What Is Google AMP?

an introduction to amp

What Is Google AMP?

Accelerated Mobile Pages (AMP) is a featured platform that decreases the loading time for mobile pages. Google’s main goal with AMP is to improve the internet for all users by enabling the creation of websites, as well as advertisements that load quickly, are aesthetically pleasing, and perform highly across all devices and distribution platforms. Google’s AMP project was launched in October, 2015, and was rivaled a few months later by Facebook’s Instant Articles (or Facebook Canvas). It was originally intended for content creators and publishers, but it can also be effectively utilized by eCommerce sites.

“AMP provides a simplified framework for mobile pages that is not only responsive and faster, but removes friction between original content, on-site advertising, and people actually using the site.
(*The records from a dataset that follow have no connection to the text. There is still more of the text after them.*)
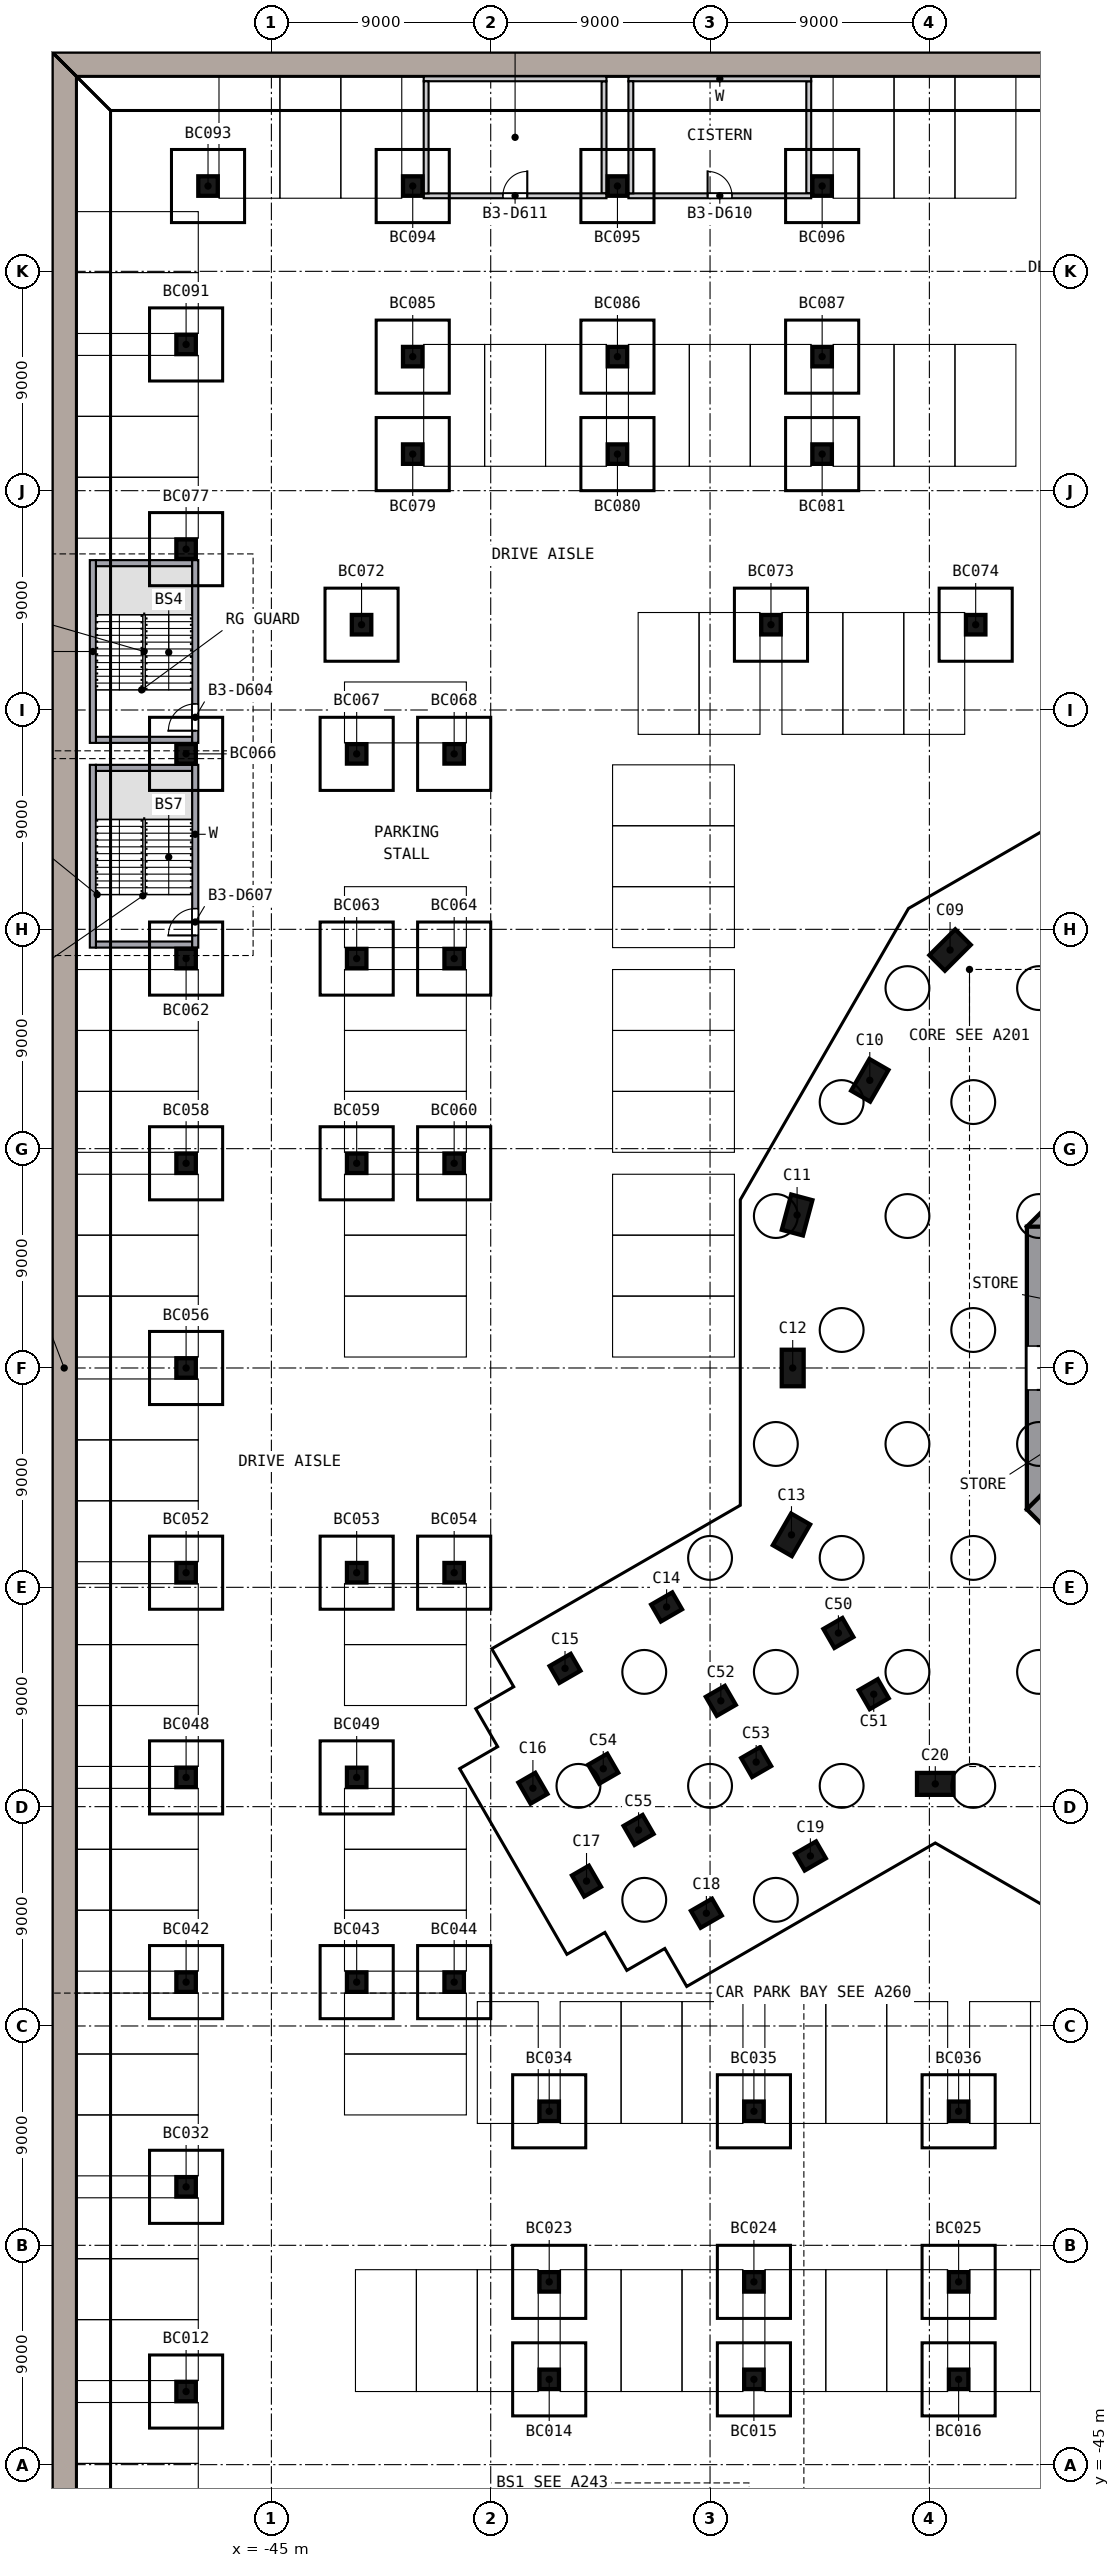
"""IFC4 building model, lengths in metres.
Left out: names, types, materials, properties, quantities, classifications, styles, units other than length and angle.
Written with IfcOpenShell. Run it as: python <this file> out.ifc"""

import sys

from ifc_helpers import new_model, si_unit, direction, frame, frame_2d, origin, origin_2d, place, context, subcontext, project, spatial, polyline, rectangle, outline, extrude, element, fill, save


model = new_model("IFC4")
c1 = context("Model", 3, precision=1e-05, world=origin(), true_north=direction((0.0, 1.0)))
c2 = subcontext(c1, "Body", "Model", "MODEL_VIEW")
j1 = project(units=[si_unit("LENGTHUNIT", "METRE"), si_unit("PLANEANGLEUNIT", "RADIAN")], contexts=[c1])
p1 = place(None, origin())
s1 = spatial("IfcSite", under=j1, at=p1, CompositionType="ELEMENT")
p2 = place(p1, origin())
s2 = spatial("IfcBuilding", under=s1, at=p2, CompositionType="ELEMENT")
p3 = place(p2, frame((0.0, 0.0, -11.7)))
s3 = spatial("IfcBuildingStorey", under=s2, at=p3, CompositionType="ELEMENT", Elevation=-11.7)
for number, where, z_axis, x_axis in (
    (1, (-17.151, 17.151, 0.0), (0.0, 0.0, 1.0), (0.707, 0.707, 0.0)),
    (2, (-20.445, 11.804, 0.0), (0.0, 0.0, 1.0), (-0.5, -0.866, 0.0)),
    (3, (-23.428, 6.278, 0.0), (0.0, 0.0, 1.0), (0.259, 0.966, 0.0)),
    (4, (-23.608, 0.0, 0.0), (0.0, 0.0, 1.0), (0.0, -1.0, 0.0)),
    (5, (-23.658, -6.846, 0.0), (0.0, 0.0, 1.0), (0.5, 0.866, 0.0)),
):
    element("IfcColumn", number, at=place(p3, frame(where, z_axis=z_axis, x_axis=x_axis)), inside=s3, PredefinedType="COLUMN", context=c2, shape_type="SweptSolid", body=[
        extrude(rectangle(XDim=1.5, YDim=0.9, at=origin_2d()), origin(), (0.0, 0.0, 1.0), 3.45),
    ])
for number, where, z_axis, x_axis in (
    (6, (-28.783, -9.805, 0.0), (0.0, 0.0, 1.0), (-0.866, -0.5, 0.0)),
    (7, (-32.951, -12.327, 0.0), (0.0, 0.0, 1.0), (-0.866, -0.5, 0.0)),
    (8, (-34.269, -17.245, 0.0), (0.0, 0.0, 1.0), (0.5, -0.866, 0.0)),
    (9, (-32.069, -21.055, 0.0), (0.0, 0.0, 1.0), (0.5, -0.866, 0.0)),
    (10, (-27.151, -22.373, 0.0), (0.0, 0.0, 1.0), (0.866, 0.5, 0.0)),
    (11, (-22.883, -20.024, 0.0), (0.0, 0.0, 1.0), (0.866, 0.5, 0.0)),
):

It is able to do this through consistent organization, limiting some functionality, and distributing content throughout a network.” Says Sean Kerr, Co-Founder and COO of Cause Inspired Media.

Both AMP and Facebook’s Instant Articles (FIA) provide a swift and clean mobile experience, yet Google AMP is designed to be efficient in the open web, not just apps. The difference between AMP and FIA is not only where the platforms operate, but also in regards to loading speed. It is important to note that Facebook Instant Articles load faster than Google AMP, although as many as 3 times more AMP articles are viewed than FIA articles. If you’d like to learn more a bout FIA, visit our previous blog, “Enhancing Your Facebook Ads Using New Canvas Format.

A Chartbeat report indicated the average mobile web article takes around 5 seconds to load. In that same experiment, Accelerated Mobile Pages averaged 1.4 seconds. This is done by AMP Javascript prioritizing certain website elements over others. Third party elements and anything below the fold are loaded subsequent to the main content appearing on the screen. Here are a few reasons why Google AMP is an asset to nonprofits looking to guide traffic to their website:

Seen above is Google’s experimental Instant feature captured by @Jonn_J_ on Twitter and later picked up by SearchEngineLand.
  • Google AMP uses ten times less data than normal articles. If your site contains a fair amount of media, the platform allows your site to perform quicker regardless of what exists on your webpage. This can lower bounce rates, and encourage conversions (people performing a desired action on your website, like donating, filling out a sign up or volunteer form, etc.).
  • The same Chartbeat report mentioned above states that AMP pages were found to improve 35% on engagement time over the standard mobile pages.
  • Hitwise recently shared that news & media searches are initiated 64% of the time on mobile devices instead of desktop computers. Nonprofits that utilize current events, news, or blogs for awareness campaigns will be able to get their messages out to large audiences quickly using AMP articles, and can expect their engagement to increase.

What’s new with AMP?

Google is currently considering whether “Google Instant” is a more suitable name than AMP. Many feel that changing the name could simplify the concept, and provide a more user friendly impression. Where Google AMP features a grey lightning bolt next to their articles (as shown in the picture to the right), Google Instant has a bright blue lightning bolt that contracts sharply from the header text.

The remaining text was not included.